Шрифт:
Гвен, разочарованно свернув экран графона, кинула его на кровать.
— Ладно, может, ты и права. — Вздохнув, подруга наконец встала. — Я тебя провожу.
Из комнаты выходили в молчании. Проходя мимо арки в столовую, я увидела темноволосую макушку дяди Ахайра: тот ужинал, сосредоточенно пережёвывая фасоль под умилённым взором супруги.
— До свидания, — попрощалась я, тоскливо думая, что в следующий раз приду в этот дом нескоро.
— А, уже уходишь? — встрепенулась тётя Лэйн. — Что так?
— Дела есть.
— Ну ладно. Заходи.
Глядя, как широко улыбнулась мне мама Гвен — вместе с мужем, ради прощания со мной даже оторвавшим взгляд от тарелки, — я быстро отвернулась. Слишком совестно было глядеть в их длинные добродушные лица.

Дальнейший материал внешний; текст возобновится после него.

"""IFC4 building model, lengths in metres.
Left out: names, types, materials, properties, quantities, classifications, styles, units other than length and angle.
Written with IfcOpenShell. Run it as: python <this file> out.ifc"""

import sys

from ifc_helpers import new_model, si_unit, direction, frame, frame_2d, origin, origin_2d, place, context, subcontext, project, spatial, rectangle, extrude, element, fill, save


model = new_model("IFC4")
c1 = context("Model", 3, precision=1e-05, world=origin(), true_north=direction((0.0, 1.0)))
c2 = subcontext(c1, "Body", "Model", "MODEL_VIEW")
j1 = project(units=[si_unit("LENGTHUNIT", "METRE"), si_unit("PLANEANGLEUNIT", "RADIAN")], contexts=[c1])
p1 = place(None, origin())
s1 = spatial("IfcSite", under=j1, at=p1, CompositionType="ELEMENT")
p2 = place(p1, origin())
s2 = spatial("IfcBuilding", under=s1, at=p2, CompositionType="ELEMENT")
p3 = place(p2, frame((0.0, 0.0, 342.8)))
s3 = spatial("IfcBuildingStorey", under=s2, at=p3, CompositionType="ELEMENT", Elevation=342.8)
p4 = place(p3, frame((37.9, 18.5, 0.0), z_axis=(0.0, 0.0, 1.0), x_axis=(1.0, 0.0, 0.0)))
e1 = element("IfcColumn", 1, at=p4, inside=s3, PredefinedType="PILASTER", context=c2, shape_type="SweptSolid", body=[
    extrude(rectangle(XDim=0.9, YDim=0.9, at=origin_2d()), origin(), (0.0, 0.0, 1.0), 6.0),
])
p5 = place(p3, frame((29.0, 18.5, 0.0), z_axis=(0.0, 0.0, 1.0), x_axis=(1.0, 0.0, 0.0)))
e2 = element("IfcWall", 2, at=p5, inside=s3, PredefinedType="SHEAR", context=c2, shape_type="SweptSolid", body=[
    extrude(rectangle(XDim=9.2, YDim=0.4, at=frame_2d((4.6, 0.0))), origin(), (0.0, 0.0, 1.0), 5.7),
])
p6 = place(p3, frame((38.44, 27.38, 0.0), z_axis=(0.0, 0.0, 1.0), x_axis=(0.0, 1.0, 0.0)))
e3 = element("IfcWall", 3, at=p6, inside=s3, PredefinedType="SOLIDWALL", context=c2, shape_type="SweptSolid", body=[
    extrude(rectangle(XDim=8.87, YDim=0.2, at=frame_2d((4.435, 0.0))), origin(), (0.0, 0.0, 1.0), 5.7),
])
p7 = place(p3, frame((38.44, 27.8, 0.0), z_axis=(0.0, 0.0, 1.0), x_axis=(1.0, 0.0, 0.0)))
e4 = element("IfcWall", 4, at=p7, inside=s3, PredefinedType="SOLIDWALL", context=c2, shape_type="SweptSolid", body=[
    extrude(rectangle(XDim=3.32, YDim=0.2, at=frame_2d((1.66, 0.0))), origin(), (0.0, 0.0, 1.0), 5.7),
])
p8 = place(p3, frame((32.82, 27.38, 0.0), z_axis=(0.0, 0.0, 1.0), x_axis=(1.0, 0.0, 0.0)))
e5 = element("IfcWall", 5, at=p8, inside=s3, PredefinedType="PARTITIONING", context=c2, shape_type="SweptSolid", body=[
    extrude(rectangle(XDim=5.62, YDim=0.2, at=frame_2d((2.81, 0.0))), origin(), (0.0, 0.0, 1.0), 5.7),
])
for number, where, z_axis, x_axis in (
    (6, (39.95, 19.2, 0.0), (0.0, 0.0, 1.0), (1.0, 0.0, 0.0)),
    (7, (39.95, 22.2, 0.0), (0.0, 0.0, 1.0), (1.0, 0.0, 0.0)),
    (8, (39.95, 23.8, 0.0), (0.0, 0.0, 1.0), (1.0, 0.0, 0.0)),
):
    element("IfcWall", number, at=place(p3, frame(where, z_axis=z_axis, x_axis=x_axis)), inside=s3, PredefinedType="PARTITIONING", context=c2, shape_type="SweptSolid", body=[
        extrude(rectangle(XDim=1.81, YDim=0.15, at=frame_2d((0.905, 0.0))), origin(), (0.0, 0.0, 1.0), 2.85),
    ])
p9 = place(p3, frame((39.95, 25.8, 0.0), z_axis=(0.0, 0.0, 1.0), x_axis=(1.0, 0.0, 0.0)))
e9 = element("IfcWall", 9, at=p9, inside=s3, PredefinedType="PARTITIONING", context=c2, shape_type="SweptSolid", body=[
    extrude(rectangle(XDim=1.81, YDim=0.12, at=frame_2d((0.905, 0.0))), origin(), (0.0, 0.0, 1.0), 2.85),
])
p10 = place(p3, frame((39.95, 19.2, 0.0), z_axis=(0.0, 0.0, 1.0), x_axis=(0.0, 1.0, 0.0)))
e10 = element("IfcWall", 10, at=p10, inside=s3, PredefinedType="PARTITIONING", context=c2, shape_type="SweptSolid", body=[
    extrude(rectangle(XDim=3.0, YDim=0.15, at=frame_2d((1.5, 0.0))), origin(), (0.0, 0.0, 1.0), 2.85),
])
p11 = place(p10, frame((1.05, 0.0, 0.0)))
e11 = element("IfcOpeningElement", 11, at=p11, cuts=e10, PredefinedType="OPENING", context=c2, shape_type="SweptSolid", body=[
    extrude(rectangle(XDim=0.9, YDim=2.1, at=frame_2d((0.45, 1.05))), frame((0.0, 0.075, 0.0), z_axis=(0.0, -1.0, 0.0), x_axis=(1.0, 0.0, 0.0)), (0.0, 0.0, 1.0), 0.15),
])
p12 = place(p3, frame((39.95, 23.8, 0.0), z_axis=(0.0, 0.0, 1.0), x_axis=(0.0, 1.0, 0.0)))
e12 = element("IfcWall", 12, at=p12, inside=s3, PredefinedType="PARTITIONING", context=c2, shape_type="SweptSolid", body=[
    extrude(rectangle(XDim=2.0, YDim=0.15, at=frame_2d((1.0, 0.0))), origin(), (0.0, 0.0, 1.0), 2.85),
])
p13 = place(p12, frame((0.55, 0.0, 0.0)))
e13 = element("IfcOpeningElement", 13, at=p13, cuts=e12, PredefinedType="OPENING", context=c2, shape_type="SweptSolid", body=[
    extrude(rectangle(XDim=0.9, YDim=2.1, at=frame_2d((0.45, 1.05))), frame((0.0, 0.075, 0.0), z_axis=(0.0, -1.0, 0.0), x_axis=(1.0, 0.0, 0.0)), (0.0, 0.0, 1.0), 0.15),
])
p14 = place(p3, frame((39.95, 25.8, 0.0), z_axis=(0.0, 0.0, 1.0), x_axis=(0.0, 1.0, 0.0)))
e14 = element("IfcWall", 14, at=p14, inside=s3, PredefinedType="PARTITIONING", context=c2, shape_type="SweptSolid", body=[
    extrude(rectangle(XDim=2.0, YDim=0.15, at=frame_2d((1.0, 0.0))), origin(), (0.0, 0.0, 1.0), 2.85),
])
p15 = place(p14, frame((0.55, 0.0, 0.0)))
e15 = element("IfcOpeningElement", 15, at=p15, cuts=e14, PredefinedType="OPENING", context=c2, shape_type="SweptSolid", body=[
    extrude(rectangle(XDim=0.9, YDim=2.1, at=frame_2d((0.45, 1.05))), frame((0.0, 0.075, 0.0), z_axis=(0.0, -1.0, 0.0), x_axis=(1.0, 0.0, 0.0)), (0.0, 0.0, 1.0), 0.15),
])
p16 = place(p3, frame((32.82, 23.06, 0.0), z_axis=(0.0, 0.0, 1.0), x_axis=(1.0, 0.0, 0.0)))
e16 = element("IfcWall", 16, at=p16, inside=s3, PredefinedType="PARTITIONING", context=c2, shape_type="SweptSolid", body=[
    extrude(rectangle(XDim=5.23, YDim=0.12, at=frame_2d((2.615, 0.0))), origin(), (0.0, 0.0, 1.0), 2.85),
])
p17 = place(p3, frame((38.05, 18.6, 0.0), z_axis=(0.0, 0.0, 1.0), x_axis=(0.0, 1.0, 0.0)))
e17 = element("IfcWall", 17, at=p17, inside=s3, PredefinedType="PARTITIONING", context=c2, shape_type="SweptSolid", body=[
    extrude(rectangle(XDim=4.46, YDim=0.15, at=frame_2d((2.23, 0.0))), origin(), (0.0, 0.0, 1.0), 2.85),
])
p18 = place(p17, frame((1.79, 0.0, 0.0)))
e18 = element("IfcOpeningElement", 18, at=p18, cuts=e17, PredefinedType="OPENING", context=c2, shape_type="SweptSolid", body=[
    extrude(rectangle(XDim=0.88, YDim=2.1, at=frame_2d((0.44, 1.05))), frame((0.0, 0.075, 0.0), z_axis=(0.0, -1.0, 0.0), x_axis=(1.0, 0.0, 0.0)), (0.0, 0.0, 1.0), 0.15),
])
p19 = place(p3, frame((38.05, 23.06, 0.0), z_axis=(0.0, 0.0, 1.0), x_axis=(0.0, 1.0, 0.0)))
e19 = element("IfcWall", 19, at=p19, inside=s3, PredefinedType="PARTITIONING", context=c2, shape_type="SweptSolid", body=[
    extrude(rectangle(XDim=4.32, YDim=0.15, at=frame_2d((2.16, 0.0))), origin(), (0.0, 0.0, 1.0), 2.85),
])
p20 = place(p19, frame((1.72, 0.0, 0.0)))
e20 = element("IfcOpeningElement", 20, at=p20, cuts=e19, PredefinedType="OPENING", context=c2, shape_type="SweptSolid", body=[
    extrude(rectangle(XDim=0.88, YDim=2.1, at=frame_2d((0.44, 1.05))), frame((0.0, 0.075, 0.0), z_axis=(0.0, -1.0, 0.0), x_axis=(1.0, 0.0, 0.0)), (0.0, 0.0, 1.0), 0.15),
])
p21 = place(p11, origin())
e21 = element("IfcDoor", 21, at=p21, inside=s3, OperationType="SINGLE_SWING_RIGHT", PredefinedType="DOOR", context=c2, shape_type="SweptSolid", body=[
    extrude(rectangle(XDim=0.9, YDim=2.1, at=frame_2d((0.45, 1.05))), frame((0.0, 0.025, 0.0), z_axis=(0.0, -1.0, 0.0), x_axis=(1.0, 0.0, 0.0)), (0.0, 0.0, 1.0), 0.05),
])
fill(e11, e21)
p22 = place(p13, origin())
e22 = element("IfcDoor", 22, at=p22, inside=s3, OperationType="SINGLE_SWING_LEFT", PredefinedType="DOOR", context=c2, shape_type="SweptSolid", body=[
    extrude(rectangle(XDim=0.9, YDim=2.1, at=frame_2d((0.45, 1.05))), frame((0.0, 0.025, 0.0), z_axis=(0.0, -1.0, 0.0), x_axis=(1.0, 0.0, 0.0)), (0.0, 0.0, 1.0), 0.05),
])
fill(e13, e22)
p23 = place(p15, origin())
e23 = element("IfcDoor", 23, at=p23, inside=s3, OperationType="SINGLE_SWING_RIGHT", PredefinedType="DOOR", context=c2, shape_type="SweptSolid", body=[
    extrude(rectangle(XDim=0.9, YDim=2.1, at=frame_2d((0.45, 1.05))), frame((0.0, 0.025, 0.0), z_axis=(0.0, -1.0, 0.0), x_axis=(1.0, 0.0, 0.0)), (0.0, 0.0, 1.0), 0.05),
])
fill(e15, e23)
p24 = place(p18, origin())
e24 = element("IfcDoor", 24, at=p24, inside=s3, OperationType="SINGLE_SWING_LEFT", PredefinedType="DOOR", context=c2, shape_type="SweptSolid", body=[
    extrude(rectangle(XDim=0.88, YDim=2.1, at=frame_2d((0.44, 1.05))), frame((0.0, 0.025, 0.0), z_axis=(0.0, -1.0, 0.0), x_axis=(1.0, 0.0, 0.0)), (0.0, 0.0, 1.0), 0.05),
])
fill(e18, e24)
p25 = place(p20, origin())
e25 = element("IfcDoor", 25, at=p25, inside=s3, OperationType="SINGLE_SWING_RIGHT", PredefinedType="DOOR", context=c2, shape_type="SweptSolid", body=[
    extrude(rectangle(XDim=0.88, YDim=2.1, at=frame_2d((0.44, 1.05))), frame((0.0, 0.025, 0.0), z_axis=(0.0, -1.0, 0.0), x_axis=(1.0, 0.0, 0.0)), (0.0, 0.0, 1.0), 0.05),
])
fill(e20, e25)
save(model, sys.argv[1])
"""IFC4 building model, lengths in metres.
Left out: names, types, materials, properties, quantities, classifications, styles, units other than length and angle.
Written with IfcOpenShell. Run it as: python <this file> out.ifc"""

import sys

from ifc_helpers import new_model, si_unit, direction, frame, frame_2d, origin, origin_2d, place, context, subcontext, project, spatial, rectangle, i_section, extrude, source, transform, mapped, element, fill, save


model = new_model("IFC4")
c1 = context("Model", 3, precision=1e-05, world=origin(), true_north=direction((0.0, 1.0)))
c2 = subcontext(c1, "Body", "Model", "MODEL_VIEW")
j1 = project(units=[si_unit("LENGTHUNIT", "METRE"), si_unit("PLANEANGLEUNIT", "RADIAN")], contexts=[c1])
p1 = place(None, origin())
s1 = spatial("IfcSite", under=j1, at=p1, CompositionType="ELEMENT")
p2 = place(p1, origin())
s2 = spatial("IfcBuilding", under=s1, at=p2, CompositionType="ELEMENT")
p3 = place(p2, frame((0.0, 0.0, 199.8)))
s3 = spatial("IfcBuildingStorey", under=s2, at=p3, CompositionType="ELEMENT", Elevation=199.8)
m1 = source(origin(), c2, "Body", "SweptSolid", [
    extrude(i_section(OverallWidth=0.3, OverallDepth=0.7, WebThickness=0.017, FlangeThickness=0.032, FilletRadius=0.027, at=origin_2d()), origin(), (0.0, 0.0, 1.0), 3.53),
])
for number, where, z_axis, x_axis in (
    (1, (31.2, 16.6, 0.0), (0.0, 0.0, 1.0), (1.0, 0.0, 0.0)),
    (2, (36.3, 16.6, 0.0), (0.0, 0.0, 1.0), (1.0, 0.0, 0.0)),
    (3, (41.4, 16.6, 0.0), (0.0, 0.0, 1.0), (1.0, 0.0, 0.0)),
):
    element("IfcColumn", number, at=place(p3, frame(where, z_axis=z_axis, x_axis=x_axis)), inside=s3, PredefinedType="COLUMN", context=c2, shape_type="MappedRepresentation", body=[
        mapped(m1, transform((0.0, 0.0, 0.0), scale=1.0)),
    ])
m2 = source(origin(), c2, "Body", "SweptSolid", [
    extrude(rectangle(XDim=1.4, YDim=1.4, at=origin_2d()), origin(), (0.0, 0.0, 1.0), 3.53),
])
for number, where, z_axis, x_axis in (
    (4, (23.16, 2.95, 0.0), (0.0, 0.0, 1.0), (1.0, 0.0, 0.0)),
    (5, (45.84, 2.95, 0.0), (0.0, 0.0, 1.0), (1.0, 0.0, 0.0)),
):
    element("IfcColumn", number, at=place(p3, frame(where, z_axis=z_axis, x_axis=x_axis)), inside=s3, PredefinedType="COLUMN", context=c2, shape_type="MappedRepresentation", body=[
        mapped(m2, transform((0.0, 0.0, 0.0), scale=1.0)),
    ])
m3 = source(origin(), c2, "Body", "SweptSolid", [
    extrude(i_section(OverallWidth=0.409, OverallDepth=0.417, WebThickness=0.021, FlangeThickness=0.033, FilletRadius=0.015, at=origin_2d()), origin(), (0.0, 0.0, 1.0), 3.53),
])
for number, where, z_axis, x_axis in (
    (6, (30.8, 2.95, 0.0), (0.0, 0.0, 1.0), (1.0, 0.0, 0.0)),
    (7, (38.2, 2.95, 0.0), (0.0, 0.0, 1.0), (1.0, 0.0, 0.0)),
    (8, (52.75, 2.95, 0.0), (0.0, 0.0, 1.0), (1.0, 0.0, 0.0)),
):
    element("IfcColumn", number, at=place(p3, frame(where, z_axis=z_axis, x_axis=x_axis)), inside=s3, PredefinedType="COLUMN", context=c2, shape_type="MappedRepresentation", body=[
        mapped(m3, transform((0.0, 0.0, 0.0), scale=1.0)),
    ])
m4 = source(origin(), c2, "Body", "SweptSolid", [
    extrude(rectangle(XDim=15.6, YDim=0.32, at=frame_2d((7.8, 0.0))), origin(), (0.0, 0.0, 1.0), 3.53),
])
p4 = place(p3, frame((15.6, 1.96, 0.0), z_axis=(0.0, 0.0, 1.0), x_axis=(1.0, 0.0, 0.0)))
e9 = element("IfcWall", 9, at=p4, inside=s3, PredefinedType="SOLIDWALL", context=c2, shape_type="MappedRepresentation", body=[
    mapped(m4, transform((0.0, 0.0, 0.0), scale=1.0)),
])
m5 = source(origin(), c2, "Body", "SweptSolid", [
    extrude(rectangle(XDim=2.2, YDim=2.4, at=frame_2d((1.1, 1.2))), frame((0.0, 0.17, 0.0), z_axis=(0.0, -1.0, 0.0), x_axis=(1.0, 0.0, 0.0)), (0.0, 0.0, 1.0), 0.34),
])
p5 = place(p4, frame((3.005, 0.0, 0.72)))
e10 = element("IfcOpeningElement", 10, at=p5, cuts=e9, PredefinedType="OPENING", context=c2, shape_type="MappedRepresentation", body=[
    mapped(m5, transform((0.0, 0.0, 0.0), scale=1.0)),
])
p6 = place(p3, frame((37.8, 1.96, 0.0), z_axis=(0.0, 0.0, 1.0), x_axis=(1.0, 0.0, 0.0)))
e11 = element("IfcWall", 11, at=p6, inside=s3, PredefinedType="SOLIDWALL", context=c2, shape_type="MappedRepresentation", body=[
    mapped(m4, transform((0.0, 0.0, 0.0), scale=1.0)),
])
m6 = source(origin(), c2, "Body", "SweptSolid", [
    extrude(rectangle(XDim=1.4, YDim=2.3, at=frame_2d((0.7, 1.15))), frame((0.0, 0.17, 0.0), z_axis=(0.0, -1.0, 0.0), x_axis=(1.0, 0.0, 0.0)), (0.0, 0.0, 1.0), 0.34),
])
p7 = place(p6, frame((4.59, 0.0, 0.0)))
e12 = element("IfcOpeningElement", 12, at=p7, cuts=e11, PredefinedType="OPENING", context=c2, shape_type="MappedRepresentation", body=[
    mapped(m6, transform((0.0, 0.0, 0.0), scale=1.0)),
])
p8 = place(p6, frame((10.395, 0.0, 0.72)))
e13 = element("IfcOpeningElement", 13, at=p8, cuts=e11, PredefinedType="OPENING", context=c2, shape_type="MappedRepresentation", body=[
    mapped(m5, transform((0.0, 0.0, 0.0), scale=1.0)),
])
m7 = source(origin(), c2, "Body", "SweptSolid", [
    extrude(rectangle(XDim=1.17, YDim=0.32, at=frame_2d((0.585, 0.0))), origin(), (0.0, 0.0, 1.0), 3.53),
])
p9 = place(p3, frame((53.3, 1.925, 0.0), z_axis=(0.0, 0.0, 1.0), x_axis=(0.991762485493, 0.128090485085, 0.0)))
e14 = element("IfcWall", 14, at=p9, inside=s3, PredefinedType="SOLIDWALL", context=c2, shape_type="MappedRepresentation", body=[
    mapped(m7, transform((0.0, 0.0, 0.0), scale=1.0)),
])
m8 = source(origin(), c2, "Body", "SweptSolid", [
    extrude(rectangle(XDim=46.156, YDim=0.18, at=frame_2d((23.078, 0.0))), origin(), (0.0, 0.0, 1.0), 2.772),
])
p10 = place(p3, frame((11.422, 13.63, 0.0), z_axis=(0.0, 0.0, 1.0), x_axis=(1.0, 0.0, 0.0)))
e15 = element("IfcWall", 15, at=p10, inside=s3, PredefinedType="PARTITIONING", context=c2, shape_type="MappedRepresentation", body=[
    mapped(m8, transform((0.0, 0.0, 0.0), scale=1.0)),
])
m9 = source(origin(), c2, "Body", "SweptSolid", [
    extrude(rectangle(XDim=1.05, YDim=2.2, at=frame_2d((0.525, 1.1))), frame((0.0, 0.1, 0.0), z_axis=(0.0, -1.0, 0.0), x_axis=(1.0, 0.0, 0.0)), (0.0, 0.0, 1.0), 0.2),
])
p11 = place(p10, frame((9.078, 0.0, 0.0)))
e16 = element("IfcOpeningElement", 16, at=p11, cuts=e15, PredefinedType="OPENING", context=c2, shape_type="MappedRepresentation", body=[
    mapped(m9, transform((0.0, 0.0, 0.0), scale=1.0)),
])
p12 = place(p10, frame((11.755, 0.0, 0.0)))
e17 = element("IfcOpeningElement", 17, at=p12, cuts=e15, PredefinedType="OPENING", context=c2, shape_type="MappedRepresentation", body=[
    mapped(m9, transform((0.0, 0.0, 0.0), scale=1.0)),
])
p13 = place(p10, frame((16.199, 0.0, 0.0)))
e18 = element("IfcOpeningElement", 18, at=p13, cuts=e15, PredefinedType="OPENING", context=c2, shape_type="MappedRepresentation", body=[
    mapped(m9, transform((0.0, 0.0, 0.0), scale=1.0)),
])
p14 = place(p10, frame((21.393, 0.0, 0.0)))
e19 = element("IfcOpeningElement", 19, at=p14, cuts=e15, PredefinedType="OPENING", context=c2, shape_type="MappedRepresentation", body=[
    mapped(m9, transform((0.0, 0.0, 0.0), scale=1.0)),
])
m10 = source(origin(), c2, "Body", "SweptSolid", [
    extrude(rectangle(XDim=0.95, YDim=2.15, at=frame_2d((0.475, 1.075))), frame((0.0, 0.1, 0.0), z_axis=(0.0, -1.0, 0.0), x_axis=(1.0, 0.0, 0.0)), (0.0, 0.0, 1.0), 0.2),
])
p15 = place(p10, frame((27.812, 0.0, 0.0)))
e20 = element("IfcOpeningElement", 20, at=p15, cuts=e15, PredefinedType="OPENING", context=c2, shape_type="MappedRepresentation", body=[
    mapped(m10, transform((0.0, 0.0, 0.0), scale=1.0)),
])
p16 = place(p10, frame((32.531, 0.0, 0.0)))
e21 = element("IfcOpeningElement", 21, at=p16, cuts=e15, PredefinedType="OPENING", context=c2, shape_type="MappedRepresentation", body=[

— Завтра в полдень у твоего дома? — открыв входную дверь, бодро уточнила Гвен.
— Да, — с грустью соврала я.
— Ладно, тогда до завтра. И не хандри! — подруга сердечно обняла меня за плечи. — А то весь день как пришибленная.
Сглотнув, я обняла её в ответ. Разорвав объятие миг спустя, торопливо шагнула вперёд, на крыльцо. И, шагая по садовой дорожке — прочь от бревенчатого домика с камышовой кровлей, словно сошедшего со страниц старинных легенд, от тепла и уюта, на пару часов заставивших меня забыть и о неведомой опасности, и о безликой тьме, и о том, что ждёт меня завтра, — ни разу не обернулась.
Ни до того, как услышала стук захлопнутой двери, ни после.
Наверное, лишь сейчас я поняла, как дорога мне была наша дружба с Гвен. И она, и ужины в её доме — с гостеприимной тётей Лэйн и её строгим, но приветливым супругом. Так что я искренне понадеялась, что Гвен не сильно обидится на меня за моё исчезновение. Пусть даже пока я не имею ни малейшего понятия, как объясню его, когда вернусь.
Если вернусь.
Если б я ещё сама знала, с чем оно связано…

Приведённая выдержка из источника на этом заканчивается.